Accessed 6 Aug 2021.

One Author:

(Author Page Number(s)).

Parenthetical: This was clear to all (Duhigg p. 48).

Signal Phrase: Duhigg said in their writing...(4) 

Two Authors:

(Author Last Name and Author Last Name Page Number(s)).

(Weber and Kelley 347-348).

 Three or More Authors:

(First authors last name et al. Page Number(s)).

(Stevens et al. 52).

Newspaper Articles

Note: When citing a newspaper article, it is preferred that the whole date of publication be used (Month, date, year). At the end, use the URL for the homepage of the newspaper, since the full URLs for news articles tend to change frequently.

Basic Format:

Author's Last Name, First Name. "Title of Article." Title of ​Newspaper, date, Page numbers/section.

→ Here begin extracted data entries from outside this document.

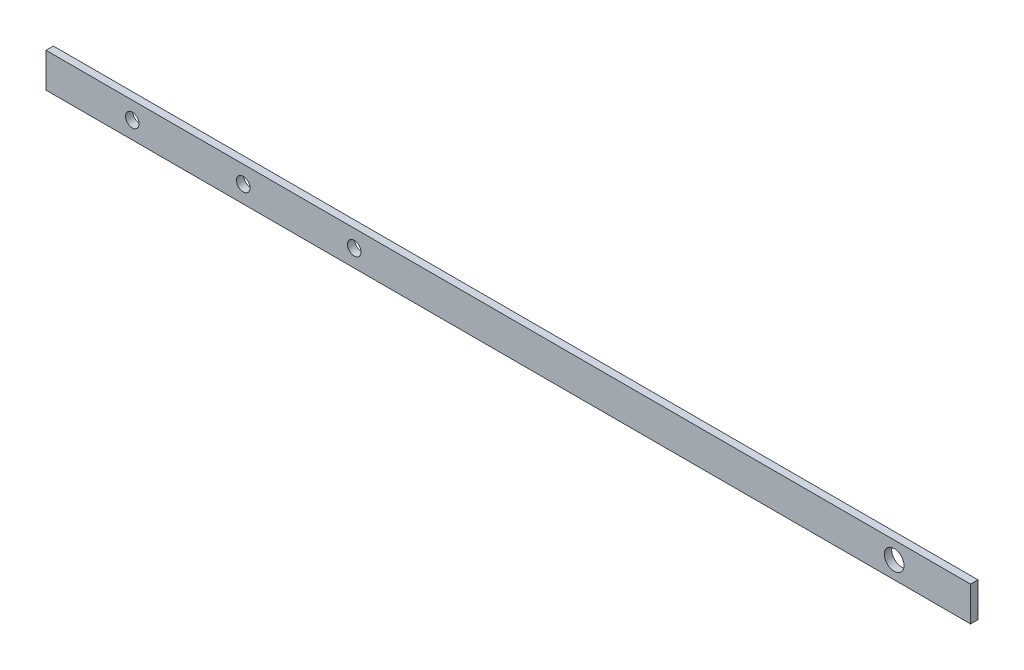
SolidWorks part; units mm, degrees
ref_plane "前视基准面" through (0, 0, 0) normal (0, 0, 1) x (1, 0, 0)
ref_plane "上视基准面" through (0, 0, 0) normal (0, 1, 0) x (1, 0, 0)
ref_plane "右视基准面" through (0, 0, 0) normal (1, 0, 0) x (0, 0, -1)
sketch "草图1" plane through (0, 0, 0) normal (0, 0, 1) x (1, 0, 0)
  line L0 (-187.5, 0) -> (-152.5, 0) construction
  line L1 (187.5, -7) -> (-187.5, -7)
  line L2 (187.5, -7) -> (187.5, 7)
  line L3 (187.5, 7) -> (-187.5, 7)
  line L4 (-187.5, -7) -> (-187.5, 7)
  line L5 (187.5, -7) -> (-187.5, 7) construction
  line L6 (187.5, 7) -> (-187.5, -7) construction
  line L7 (-152.5, 0) -> (-107.5, 0) construction
  line L8 (-107.5, 0) -> (-62.5, 0) construction
  circle A0 centre (-152.5, 0) radius 2.75
  circle A1 centre (-107.5, 0) radius 2.75
  circle A2 centre (-62.5, 0) radius 2.75
  point P0 (0, 0)
  dimension "D2" = 5.5
  dimension "D1" = 14
  dimension "D3" = 45
  dimension "D4" = 375
  dimension "D5" = 35
extrude "凸台-拉伸1" add sketch "草图1" along normal mid plane 3
sketch "草图2" plane through (0, 0, 1.5) normal (0, 0, 1) x (1, 0, 0)
  line L0 (156.5, 0) -> (187.5, 0) construction
  line L1 (187.5, -7) -> (187.5, 7) construction
  circle A0 centre (156.5, 0) radius 4
  dimension "D1" = 8
  dimension "D2" = 31
extrude "切除-拉伸1" cut sketch "草图2" against normal blind 3

Title of Database, URL (no http://)

Sandomir, Richard. "Eloise Greenfield, 92, Whose Books Illuminated The Lives of

Black People." New York Times, 27 Aug. 2021, p. B10(L). Gale General OneFile,

link.gale.com/apps/doc/A673347889/ITOF?u=lincclin_mcc&sid=bookmark

-ITOF&xid=c156a064. 

No Author: 

Note: If the author's name is not listed, begin the citation with the title of the newspaper article. For newspaper articles in print, no need to put the URL at the end.

 

"Title of Article." Title of Newspaper, Date, Page/Section Numbers. 

Example:

"Gateway to the West." San Diego Chronicles, 9 May 2021, pp B3-6. 

One Author: 

(Payne 57A-58A)

Two Authors: 

(Guide and Parker 45)

Three or More Authors:

(Feutre et al. 3) 

No Author:

For an article with no author cite the title or an abbreviation of the title. Any in text citation needs to match up with what is listed as the entry on the Work Cited page. 

"The show was the first of its kind in Atlanta..." ("Stories from the ATL" B32). 

No Page Numbers:

Often times newspapers or other media are online only and have no page numbers. In this case cite the author or title of the article but no page number. 

Example: 

"The wind was a high of 15 degrees NW" (Hooper).

Faith made note that "According to the office of the president..." 

DOIs

Digital Object Identifier (DOI):

A DOI, is a number given to some electronic content such as journal articles. This unique identifier links the article to the web. Therefore, it is very important to use a DOI when available instead of a URL because while URLs often change, the DOI will stay permanent.